How do large working capital swings affect FCFF and what adjustments should I make?
I'm building a FCFF model for a CFA Level II vignette and the company has massive swings in working capital. Inventory doubled one year, then receivables spiked. How should I treat these changes — should I normalize them, or take them at face value? My FCFF fluctuates wildly.
Working capital changes can cause FCFF to swing dramatically even when the underlying business is stable. The key is distinguishing between temporary swings and structural shifts.
FCFF Formula:
> FCFF = NI + NCC + Int(1-T) - FCInv - WCInv
Where WCInv = Change in non-cash working capital = ΔCurrent Assets (ex-cash) - ΔCurrent Liabilities
Example — Kingsfield Distribution (fictional):
| Item | Year 1 | Year 2 | Year 3 |
|---|---|---|---|
| Net income | $50M | $55M | $60M |
| Depreciation | $15M | $16M | $17M |
| CapEx | $20M | $22M | $24M |
| ΔInventory | +$5M | +$40M | -$25M |
| ΔReceivables | +$3M | +$15M | +$5M |
| ΔPayables | +$2M | +$8M | +$3M |
| WCInv | $6M | $47M | -$13M |
| FCFF | $39M | $2M | $66M |
Notice FCFF drops to $2M in Year 2 due to the $47M working capital build (Kingsfield stocked up on inventory for a major contract). In Year 3, the inventory unwinds and FCFF spikes.
Normalization Approaches:
- Multi-Year Average: Average WCInv over 3-5 years to smooth cyclical swings. Here, average WCInv = ($6M + $47M - $13M) / 3 = $13.3M per year.

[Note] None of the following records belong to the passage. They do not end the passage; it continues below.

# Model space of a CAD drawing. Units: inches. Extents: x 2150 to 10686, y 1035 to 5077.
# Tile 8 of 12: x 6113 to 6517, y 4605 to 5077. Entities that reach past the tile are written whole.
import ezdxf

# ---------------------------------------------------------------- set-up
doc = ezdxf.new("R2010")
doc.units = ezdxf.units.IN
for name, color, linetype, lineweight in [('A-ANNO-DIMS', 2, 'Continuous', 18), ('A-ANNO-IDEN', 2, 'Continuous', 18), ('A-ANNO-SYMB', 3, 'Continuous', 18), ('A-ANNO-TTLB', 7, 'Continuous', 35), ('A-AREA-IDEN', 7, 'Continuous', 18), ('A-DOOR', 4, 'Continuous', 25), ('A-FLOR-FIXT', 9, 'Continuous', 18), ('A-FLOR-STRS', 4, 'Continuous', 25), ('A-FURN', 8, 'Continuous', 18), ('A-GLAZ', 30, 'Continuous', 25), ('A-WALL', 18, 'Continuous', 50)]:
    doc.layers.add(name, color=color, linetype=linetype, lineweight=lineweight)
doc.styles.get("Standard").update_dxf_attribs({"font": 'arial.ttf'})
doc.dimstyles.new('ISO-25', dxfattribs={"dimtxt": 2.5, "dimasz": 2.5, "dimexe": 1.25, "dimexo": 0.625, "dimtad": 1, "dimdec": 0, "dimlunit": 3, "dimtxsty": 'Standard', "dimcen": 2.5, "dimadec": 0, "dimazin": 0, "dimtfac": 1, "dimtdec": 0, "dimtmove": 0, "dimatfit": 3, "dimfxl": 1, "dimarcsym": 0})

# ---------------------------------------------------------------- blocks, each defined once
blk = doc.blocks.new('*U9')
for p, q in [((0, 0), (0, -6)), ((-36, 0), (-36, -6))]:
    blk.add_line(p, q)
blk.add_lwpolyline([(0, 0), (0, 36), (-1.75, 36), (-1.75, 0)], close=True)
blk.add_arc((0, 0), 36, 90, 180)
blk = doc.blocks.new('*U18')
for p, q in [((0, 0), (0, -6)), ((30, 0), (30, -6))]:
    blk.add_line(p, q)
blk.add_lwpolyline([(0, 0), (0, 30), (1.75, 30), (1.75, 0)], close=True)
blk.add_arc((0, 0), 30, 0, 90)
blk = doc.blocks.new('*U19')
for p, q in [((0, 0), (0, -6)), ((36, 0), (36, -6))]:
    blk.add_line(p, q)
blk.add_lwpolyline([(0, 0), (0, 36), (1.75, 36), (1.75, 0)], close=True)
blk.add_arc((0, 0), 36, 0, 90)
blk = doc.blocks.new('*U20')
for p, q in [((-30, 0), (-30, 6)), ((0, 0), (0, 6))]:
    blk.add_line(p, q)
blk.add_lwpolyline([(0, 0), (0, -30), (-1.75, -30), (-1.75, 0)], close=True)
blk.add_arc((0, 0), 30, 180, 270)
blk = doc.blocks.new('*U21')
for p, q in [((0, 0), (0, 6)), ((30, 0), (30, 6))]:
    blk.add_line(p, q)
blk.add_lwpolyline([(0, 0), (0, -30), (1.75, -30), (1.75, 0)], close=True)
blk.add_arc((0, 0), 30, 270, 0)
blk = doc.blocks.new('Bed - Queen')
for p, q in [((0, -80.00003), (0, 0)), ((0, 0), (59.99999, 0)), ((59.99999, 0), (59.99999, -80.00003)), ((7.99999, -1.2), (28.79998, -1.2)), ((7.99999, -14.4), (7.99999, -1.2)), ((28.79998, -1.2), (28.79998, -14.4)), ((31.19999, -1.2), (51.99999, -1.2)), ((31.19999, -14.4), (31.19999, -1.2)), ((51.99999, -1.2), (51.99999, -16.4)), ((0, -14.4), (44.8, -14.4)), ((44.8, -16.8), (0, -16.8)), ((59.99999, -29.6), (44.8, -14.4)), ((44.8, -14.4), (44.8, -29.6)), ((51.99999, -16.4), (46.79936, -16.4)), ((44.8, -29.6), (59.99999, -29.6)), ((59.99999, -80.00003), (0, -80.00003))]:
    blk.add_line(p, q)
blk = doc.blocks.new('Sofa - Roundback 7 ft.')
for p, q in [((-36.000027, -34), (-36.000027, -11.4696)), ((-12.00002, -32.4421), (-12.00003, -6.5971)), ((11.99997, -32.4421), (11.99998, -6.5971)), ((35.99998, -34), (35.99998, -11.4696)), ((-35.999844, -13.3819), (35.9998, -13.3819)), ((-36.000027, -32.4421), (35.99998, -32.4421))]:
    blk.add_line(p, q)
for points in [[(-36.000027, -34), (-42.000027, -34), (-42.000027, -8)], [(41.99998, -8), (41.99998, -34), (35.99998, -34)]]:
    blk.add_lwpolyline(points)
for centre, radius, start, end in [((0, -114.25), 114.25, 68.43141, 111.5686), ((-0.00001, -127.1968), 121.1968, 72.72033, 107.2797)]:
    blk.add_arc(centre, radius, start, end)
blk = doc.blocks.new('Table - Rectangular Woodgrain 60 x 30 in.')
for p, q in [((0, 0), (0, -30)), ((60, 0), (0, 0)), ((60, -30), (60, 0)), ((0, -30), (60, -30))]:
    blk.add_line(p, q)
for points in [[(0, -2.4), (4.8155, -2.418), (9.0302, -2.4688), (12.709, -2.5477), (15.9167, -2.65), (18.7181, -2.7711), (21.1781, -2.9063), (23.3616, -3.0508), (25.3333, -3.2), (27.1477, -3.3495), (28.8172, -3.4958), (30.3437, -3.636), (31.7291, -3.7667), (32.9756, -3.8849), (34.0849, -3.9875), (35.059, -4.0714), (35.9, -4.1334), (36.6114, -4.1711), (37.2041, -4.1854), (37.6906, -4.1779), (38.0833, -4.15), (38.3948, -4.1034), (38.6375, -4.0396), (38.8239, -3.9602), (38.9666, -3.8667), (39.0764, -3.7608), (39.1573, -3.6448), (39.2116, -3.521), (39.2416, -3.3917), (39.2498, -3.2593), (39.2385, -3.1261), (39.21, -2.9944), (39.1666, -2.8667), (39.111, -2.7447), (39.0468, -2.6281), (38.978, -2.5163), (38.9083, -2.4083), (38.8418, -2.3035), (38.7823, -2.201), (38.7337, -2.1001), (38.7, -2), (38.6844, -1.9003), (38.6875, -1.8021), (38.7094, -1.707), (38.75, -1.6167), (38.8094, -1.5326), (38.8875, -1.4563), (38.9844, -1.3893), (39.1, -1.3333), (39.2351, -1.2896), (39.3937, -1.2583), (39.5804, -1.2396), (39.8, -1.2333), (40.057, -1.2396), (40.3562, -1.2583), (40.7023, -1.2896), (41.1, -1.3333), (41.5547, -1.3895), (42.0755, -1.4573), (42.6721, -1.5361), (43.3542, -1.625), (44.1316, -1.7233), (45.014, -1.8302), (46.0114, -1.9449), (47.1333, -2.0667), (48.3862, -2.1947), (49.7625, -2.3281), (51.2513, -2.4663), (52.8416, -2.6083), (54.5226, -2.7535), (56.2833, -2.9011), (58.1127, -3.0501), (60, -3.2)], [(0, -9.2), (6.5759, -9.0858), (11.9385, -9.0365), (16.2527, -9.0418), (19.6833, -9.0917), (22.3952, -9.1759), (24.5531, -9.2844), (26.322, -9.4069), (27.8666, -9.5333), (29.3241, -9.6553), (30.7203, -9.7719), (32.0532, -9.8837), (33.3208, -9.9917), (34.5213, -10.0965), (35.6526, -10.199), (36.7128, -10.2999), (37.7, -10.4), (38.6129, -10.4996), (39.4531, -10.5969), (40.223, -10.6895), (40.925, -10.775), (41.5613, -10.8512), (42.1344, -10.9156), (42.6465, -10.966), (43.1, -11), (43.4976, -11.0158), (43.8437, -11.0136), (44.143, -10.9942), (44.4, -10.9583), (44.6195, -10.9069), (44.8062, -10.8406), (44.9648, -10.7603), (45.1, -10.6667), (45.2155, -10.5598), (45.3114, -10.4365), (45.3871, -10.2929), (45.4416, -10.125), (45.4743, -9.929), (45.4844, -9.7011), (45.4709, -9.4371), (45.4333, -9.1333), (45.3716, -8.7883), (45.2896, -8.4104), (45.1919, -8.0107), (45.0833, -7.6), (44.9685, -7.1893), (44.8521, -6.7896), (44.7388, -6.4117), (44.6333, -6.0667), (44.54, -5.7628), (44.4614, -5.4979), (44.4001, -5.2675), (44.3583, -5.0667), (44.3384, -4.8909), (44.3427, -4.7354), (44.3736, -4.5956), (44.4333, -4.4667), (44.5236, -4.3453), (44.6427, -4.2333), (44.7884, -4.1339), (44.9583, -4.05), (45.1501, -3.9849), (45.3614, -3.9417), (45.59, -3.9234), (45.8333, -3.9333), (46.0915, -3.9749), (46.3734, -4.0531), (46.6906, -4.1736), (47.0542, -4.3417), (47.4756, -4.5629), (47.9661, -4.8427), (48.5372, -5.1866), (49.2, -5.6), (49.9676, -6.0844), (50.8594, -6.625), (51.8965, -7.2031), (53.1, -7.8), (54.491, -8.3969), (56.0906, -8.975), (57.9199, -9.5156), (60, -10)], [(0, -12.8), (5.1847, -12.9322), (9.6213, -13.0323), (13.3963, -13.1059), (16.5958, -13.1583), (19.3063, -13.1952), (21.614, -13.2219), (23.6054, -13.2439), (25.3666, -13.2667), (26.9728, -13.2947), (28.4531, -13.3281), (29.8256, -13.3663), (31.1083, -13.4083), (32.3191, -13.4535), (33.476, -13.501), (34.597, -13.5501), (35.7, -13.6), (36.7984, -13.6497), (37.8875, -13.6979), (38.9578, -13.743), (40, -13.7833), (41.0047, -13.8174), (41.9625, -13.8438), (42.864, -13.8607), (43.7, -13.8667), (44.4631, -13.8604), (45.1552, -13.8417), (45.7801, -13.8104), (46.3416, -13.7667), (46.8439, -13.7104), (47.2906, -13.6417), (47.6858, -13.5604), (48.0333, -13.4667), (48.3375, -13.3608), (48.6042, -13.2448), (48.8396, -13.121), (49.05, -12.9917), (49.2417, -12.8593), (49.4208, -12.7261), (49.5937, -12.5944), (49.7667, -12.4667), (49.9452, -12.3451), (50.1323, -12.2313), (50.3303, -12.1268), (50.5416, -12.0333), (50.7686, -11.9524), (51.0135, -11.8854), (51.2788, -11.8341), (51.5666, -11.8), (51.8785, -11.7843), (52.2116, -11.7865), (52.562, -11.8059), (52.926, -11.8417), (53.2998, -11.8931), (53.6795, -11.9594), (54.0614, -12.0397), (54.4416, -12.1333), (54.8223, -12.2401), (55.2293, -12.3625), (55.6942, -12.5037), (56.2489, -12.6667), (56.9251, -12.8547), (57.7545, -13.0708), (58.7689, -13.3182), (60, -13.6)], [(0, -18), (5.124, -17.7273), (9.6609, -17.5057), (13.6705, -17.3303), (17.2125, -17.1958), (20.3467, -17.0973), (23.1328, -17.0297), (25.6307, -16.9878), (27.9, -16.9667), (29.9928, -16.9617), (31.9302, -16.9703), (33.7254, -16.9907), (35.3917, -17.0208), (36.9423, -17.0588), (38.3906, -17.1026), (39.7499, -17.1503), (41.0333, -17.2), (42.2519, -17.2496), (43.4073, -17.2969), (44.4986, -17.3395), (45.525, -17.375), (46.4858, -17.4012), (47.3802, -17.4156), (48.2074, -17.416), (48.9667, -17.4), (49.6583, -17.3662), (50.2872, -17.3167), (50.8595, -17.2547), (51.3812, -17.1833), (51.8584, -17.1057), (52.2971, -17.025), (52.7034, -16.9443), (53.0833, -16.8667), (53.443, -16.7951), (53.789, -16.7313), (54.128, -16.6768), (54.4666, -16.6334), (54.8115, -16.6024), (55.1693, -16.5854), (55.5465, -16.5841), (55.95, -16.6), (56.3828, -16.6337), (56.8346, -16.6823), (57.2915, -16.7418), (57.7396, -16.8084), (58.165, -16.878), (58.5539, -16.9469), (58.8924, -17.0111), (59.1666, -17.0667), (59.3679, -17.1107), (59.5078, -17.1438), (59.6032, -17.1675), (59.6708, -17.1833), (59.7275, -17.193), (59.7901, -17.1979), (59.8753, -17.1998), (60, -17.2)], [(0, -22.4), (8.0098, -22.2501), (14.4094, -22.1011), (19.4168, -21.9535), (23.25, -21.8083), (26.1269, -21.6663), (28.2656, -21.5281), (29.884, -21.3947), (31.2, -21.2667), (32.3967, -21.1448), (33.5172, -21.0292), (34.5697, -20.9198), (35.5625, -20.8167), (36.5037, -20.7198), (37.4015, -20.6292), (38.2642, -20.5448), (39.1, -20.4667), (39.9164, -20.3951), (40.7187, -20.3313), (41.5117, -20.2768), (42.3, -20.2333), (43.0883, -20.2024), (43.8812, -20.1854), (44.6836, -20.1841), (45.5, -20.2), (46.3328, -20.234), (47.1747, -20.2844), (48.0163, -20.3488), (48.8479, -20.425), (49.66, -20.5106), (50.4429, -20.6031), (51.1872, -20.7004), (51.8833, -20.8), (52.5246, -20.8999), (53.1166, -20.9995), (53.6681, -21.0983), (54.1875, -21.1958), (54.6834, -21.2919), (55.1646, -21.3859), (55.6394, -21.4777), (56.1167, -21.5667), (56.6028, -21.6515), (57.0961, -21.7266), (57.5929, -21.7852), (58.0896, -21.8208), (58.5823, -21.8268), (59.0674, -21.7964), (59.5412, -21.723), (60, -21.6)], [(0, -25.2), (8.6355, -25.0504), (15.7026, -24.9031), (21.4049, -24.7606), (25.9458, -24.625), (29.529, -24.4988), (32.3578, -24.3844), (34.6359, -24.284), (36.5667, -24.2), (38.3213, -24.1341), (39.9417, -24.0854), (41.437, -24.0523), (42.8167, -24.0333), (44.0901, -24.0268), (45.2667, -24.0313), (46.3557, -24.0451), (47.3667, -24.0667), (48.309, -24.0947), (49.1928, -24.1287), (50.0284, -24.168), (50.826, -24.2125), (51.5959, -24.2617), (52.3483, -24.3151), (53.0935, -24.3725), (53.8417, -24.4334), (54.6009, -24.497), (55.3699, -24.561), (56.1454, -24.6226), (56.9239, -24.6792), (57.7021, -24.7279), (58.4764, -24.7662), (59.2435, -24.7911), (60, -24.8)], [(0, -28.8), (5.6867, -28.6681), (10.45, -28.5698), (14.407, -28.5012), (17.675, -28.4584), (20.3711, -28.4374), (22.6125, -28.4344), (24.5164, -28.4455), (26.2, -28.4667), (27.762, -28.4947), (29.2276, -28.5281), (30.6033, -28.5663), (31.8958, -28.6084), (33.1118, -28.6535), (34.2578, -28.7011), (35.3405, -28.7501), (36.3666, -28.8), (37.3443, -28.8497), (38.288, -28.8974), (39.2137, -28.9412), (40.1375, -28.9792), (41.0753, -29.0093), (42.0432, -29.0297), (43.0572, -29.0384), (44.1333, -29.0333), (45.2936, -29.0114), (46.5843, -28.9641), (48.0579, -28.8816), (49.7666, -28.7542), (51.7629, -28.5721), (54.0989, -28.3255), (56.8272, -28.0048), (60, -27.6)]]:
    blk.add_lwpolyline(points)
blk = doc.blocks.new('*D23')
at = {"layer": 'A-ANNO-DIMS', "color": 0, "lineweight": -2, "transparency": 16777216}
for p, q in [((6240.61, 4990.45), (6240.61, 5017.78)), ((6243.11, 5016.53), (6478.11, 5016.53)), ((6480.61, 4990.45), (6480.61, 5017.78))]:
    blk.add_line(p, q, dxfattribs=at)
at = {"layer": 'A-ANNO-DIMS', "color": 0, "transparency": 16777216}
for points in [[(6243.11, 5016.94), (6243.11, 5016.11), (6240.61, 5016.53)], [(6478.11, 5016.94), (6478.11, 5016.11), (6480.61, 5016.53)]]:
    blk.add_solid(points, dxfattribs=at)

- WC-to-Revenue Ratio: Project WCInv as a percentage of revenue growth. If historically WC/Revenue is 12%, apply that to projected revenue increases.
- Separate One-Time Items: If the Year 2 build is a one-time contract preparation, exclude it from the normalized projection but account for the cash impact in your explicit forecast period.
Normalized FCFF (using average WCInv = $13.3M):
- Year 1: $50M + $15M - $20M - $13.3M = $31.7M
- Year 2: $55M + $16M - $22M - $13.3M = $35.7M
- Year 3: $60M + $17M - $24M - $13.3M = $39.7M
Much smoother and more useful for valuation.
Exam Tip: CFA Level II vignettes often present volatile working capital to test whether you can normalize cash flows appropriately. Always state your normalization assumption explicitly.